Once you understand closures, continuations can be explained quite easily in a few different ways. The reason understanding CPS helps is because it connects continuations to the implicit continuations that all functions in most languages use, i.e. the point is that continuations are not esoteric, you depend on them in every program you write. CPS helps you "see" the continuations in your ordinary programs, as opposed to presenting them as something that you've never used before.
# Anton van Straaten

A nit: C is _not_ interpreted by the CPU directly. A C program is compiled to machine code. It is this code that is fetched by the CPU during execution.

On Intel CPU's, each instruction triggers a subroutine stored in the CPU and written in microcode. On other architectures (the 6502 comes right to mind), the instruction is directly executed by hardware (apply a pattern to the chip inputs, read the answer from the outputs). The first case could be considered 'interpretation' (but of a machine language rather than C), but the second is not. Applying the word 'interpret' to a transistor changing state would stretch the definition beyond all recognition.
# Jeff Root

C is not interpreted by the CPU directly, but neither is Python interpreted by the Python interpreter directly -- it is also compiled, in that case to a bytecode representation. All serious (and most trivial) languages these days are compiled. The target may be a CPU, or the microcode of a CPU, or a virtual machine. In all cases, the target interprets the compilation results. Well, JIT might be something a bit different, as it changes the program as it runs it; something now that even CPUs do (Transmeta). Anyway, it's just to say that there's not actually any fundamental difference between the "compiled" languages (like C or Java) and the "interpreted" languages (like Python or Smalltalk).
# Ian Bicking

I may be completely wrong, but the idea of continuations I got from Smalltalkers was something like this:

imagine the stack for a function A that called function B... function A has some local variables its stack-frame, and function B has some local variables in its stack-frame, and there is a pointer to the code instruction in function B that will be called when function A returns. Now, in some Smalltalks, the stack-frames are actually objects.
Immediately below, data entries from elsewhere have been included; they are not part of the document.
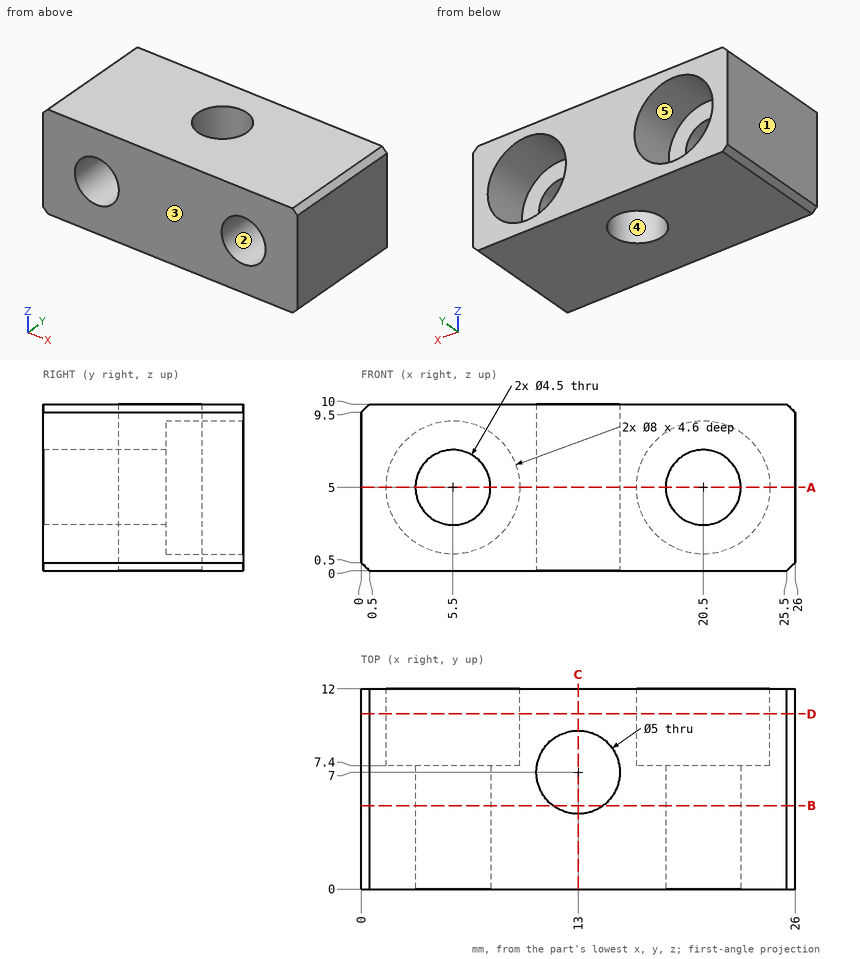
Drawing for the job (mm, zero at the part's lowest x, y, z). A direction names the side the tool comes from. Round coordinates to 2 decimals unless told otherwise and drop trailing zeros. Loops run counter-clockwise (first coordinate to the right, second up) from the corner with the lowest first, then second, coordinate; pieces in that order, holes last. Notation, with made-up numbers: (39.25, 81.25) -> (63.25, 81.25) arc R30 ccw to (63.25, 118.25) -> close; hole circle Ø5 at (25.5, -10.5). An arc over 180 degrees is marked (long way). Answer as CSV lines item,"result". Start each with the question number.
1) Slice it at D-D (y = 10.5). List the corners of the cut face in (x, z).
2) Slice it at B-B (y = 5). List the corners of the cut face in (x, z), plus the area to 3 significant figures.
3) Mould opens along X. For the marked faces 1, 2 and 3 say: +X half, -X half, draft (parallel to the pull), parting line (faces both ways), or undercut.
4) Slice it at A-A (z = 5). List the corners of the cut face in (x, y), plus the area to 3 significant figures.
5) Pin check, flat tips, straight feed: P1, Ø2.5, axis at x = 6, z = 4.5, coming from the +Y side; P2, Ø2.5, axis at x = 19.5, z = 6.5, coming from the +Y side. Stop position of each tip, or through.
6) Tool access for the marked faces 4 and 5: list every direction of +Z, -Z, +X, -X, +Y, -Y with a clear straight run to the whole face (end or side of a thin tool).
7) Slice it at C-C (x = 13). List the corners of the cut face in (y, z).
8) Probe line 1 along Y through (x, z) = (13, 5.5); line 2 along Z through (x, y) = (5.5, 3.5); line 3 along X through (y, z) = (6.5, 3.5). List the from-to ranges inside material, lowest first.
Filled in:
1,outline,"(0, 0.5) -> (0.5, 0) -> (25.5, 0) -> (26, 0.5) -> (26, 9.5) -> (25.5, 10) -> (0.5, 10) -> (0, 9.5) -> close; hole circle Ø8 at (5.5, 5); hole circle Ø8 at (20.5, 5)"
2,outline,"(0, 0.5) -> (0.5, 0) -> (11.5, 0) -> (11.5, 10) -> (0.5, 10) -> (0, 9.5) -> close; (14.5, 0) -> (25.5, 0) -> (26, 0.5) -> (26, 9.5) -> (25.5, 10) -> (14.5, 10) -> close; hole circle Ø4.5 at (5.5, 5); hole circle Ø4.5 at (20.5, 5)"
2,area,"198 mm2"
3,face 1,"-X half"
3,face 2,"undercut"
3,face 3,"draft"
4,outline,"(0, 0) -> (3.25, 0) -> (3.25, 7.4) -> (1.5, 7.4) -> (1.5, 12) -> (0, 12) -> close; (7.75, 0) -> (18.25, 0) -> (18.25, 7.4) -> (16.5, 7.4) -> (16.5, 12) -> (9.5, 12) -> (9.5, 7.4) -> (7.75, 7.4) -> close; (22.75, 0) -> (26, 0) -> (26, 12) -> (24.5, 12) -> (24.5, 7.4) -> (22.75, 7.4) -> close; hole circle Ø5 at (13, 7)"
4,area,"152 mm2"
5,P1,"passes through"
5,P2,"stops at y = 7.4"
6,face 4,"+Z, -Z"
6,face 5,"+Y"
7,outline,"(0, 0) -> (4.5, 0) -> (4.5, 10) -> (0, 10) -> close; (9.5, 0) -> (12, 0) -> (12, 10) -> (9.5, 10) -> close"
8,line 1,"y = 0 to 4.5, 9.5 to 12"
8,line 2,"z = 0 to 2.75, 7.25 to 10"
8,line 3,"x = 0 to 3.82, 7.18 to 10.55, 15.45 to 18.82, 22.18 to 26"

So instead of a thread of execution creating and disposing of the stack-frame objects, we sort of "suspend" the thread, and retain the stack frames in memory. Smalltalk would actually keep those stack frame objects in the heap instead of the CPU's stack.

For a web-app framework like Seaside manages those stack-frames, causing them and their associated code to be executed in response to events...

This kind of goes back to "an object is like a little computer that responds to messages" that was Alan Kay's basic idea of OO programming in the late 1960's.
# keith ray

This area is one of the more exciting areas in Python in my opinion, although I still don't fully understand it. I think this is the solution I've been looking for event driven application programming. I've written an event driven proxy in C++ and holy heck it is nightmare. Basically you have to manually mark the state everytime you need an event from the OS to continue. It can be done, but it is switch statement hell.
# Christopher Baus

The concept behind continuations is relatively easy: the problem is that to build something non-trivial with continuations is hard. Also, reading non-trivial code involving continuations is extremely hard, especially in Scheme, which makes big effort to make then unreadable.

I am very much against exposing continuations to the application programmer: I don't want to make the job of the language implementor. Having said that, you can play cool games with continuations; for instance you can implement Python generators in few lines:

http://chicken.humankraft.com/wiki.ssp?page=Python%2dlike%20generators

(this is one of the simplest non-trivial usages of continuations I know of, still I needed a very substantial effort to reach the competence to write it).